Institute of Experimental Mineralogy, USSR Academy of Sciences, 142432 Chernogolovka, Moscow District, USSR

Petrological studies, including geothermobarometry, of metamorphic mineral parageneses together with isotopic data, reveal differences in the P-T-fluid regimes of Precambrian shields and surrounding fold belts. Typical features of shields are CO2-rich fluids and preservation of retrograde portions of P-T trajectories, while in fold belts, prograde as well as retrograde stages of metamorphism are recorded in the minerals and the CO2 contents of the fluids vary widely. Geothermobarometric estimates of prograde and retrograde stages in several metamorphosed fold-belt complexes are in accord with the distribution of Al2SiO5 polymorphs.

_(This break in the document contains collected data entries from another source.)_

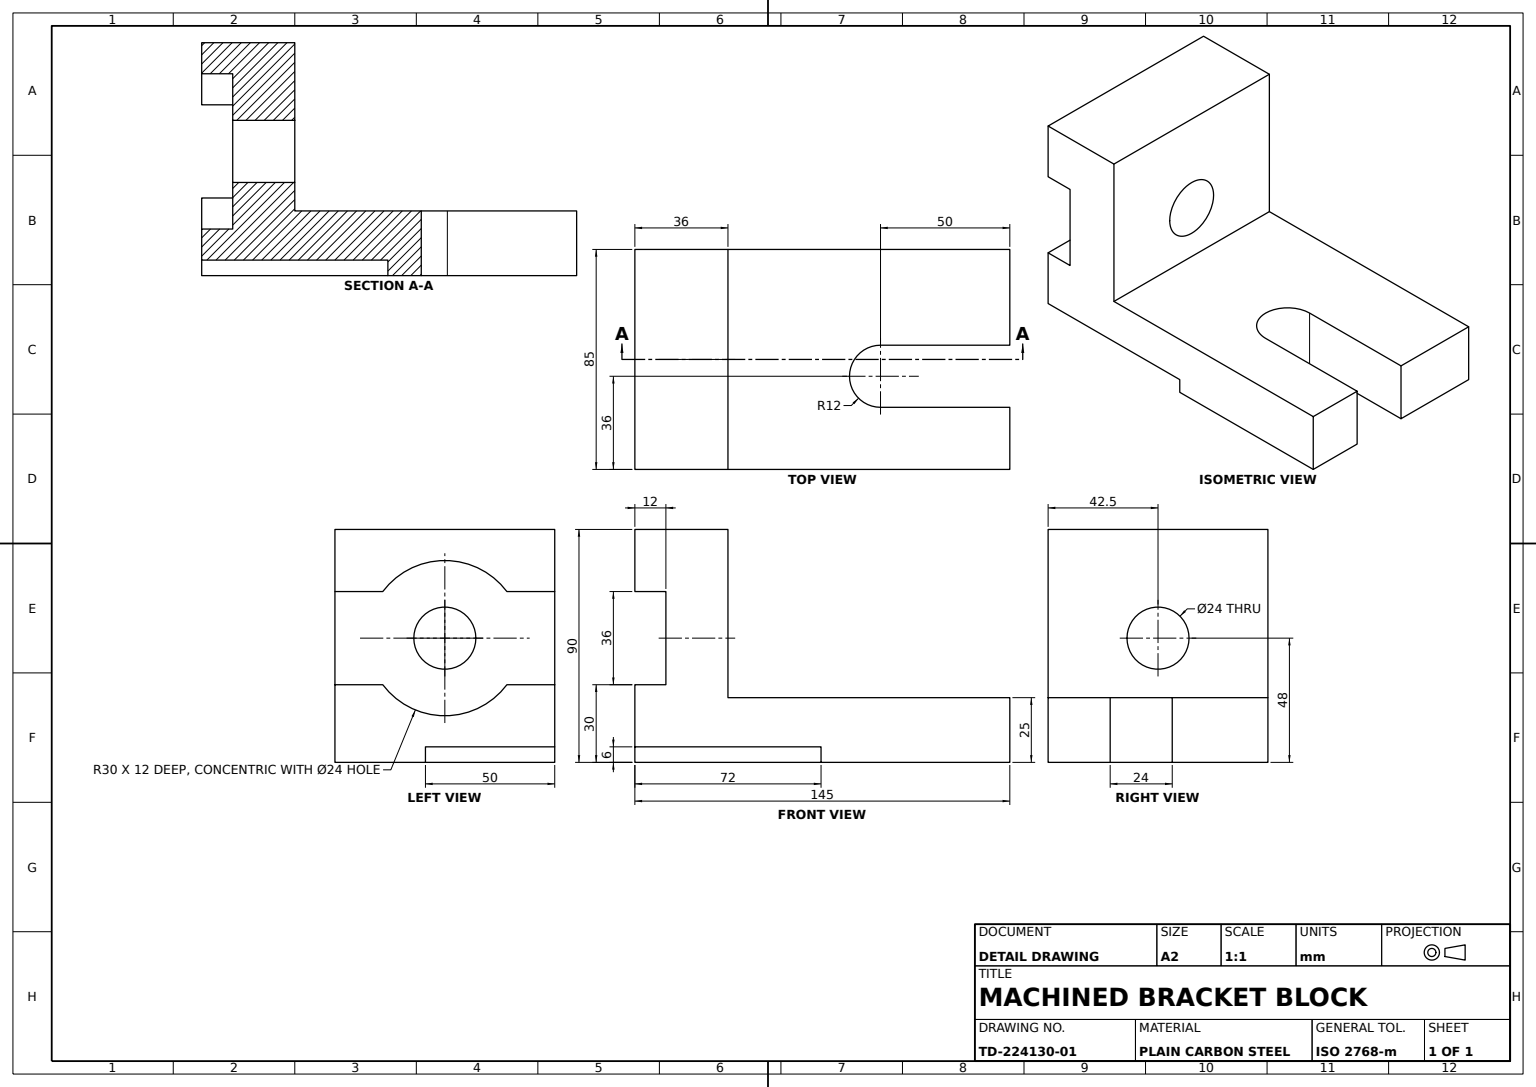
from build123d import *

# Parameters (mm, degrees)
FORKED_BLOCK_BODY_DEPTH      = 42.5
SLOT_12X24_DEPTH             = 85
RELIEF_GROOVE_SKETCH_W       = 72
RELIEF_GROOVE_SKETCH_H       = 6
BOTTOM_RELIEF_GROOVE_6_DEPTH = 50
BORE_AND_SADDLE_SKETCH_R     = 12
SADDLE_RECESS_48_DEPTH       = 12
BORE_24_REACH                = 177.873
SKETCH6_3_R                  = 12


with BuildPart() as part:
    # Block Profile Sketch → Forked Block Body (new, symmetric)
    with BuildSketch(Plane(origin=(0, 0, 0), x_dir=(0, 0, -1), z_dir=(1, 0, 0))):
        Polygon((50, 0), (-95, 0), (-95, 90), (-59, 90), (-59, 25), (50, 25), align=None)
    extrude(amount=FORKED_BLOCK_BODY_DEPTH, both=True)

    # Slot Sketch → Slot 12x24 (cut)
    with BuildSketch(Plane(origin=(0, 25, 0), x_dir=(1, 0, 0), z_dir=(0, 1, 0))):
        with BuildLine():
            Line((18.5, 0), (18.5, 50))
            Line((18.5, 50), (-5.5, 50))
            Line((-5.5, 50), (-5.5, 0))
            ThreePointArc((-5.5, 0), (6.5, -12), (18.5, 0))
        make_face()
    extrude(amount=-SLOT_12X24_DEPTH, mode=Mode.SUBTRACT)

    # Relief Groove Sketch → Bottom Relief Groove 6 (cut)
    with BuildSketch(Plane(origin=(42.5, 0, 0), x_dir=(0, 0, -1), z_dir=(1, 0, 0))):
        with Locations((-59, 3)):
            Rectangle(RELIEF_GROOVE_SKETCH_W, RELIEF_GROOVE_SKETCH_H)
    extrude(amount=-BOTTOM_RELIEF_GROOVE_6_DEPTH, mode=Mode.SUBTRACT)

    # Bore and Saddle Sketch → Saddle Recess _48 (cut)
    with BuildSketch(Plane.XY.offset(95)):
        with BuildLine():
            Line((-42.5, 66), (-42.5, 30))
            Line((-42.5, 30), (-24, 30))
            ThreePointArc((-24, 30), (0, 18), (24, 30))
            Line((24, 30), (42.5, 30))
            Line((42.5, 30), (42.5, 66))
            Line((42.5, 66), (24, 66))
            ThreePointArc((24, 66), (0, 78), (-24, 66))
            Line((-24, 66), (-42.5, 66))
        make_face()
        with Locations((0, 48)):
            Circle(BORE_AND_SADDLE_SKETCH_R, mode=Mode.SUBTRACT)
    extrude(amount=-SADDLE_RECESS_48_DEPTH, mode=Mode.SUBTRACT)

    # Sketch6_3 → Bore _24 (cut, up to next)
    with BuildSketch(Plane.XY.offset(95), mode=Mode.PRIVATE) as bore_24_sk1:
        with Locations((0, 48)):
            Circle(SKETCH6_3_R)
    bore_24_tool1 = extrude(bore_24_sk1.sketch, amount=-BORE_24_REACH, mode=Mode.PRIVATE) & part.part
    add(bore_24_tool1.solids().sort_by_distance((0, 48, 95))[0], mode=Mode.SUBTRACT)


solid = part.part

A model involving vertical redistribution is proposed for the granulite-facies Sharyzhalgay complex of Lake Baikal, which is interpreted to be the metamorphosed equivalent of the Karelian greenstone belt. Increased heat flow and burial leads to gravitational redistribution due to density differences, so that dome structures cored by granulite-facies gneiss occur within envelopes of down-sinking metabasites and meta-ultrabasites. The model is supported by the geochronology and by the P-T-fluid regimes deduced from geothermobarometry and fluid-inclusion studies of the polymetamorphic Sharyzhalgay complex. This model may apply to other granulite-facies complexes which appear to be the result of high-grade metamorphism of Archaean greenstone belts made up of tholeiitic and komatiitic volcanics. These rocks were originally underlain by a complex of acid volcanics (dacites and rhyolites).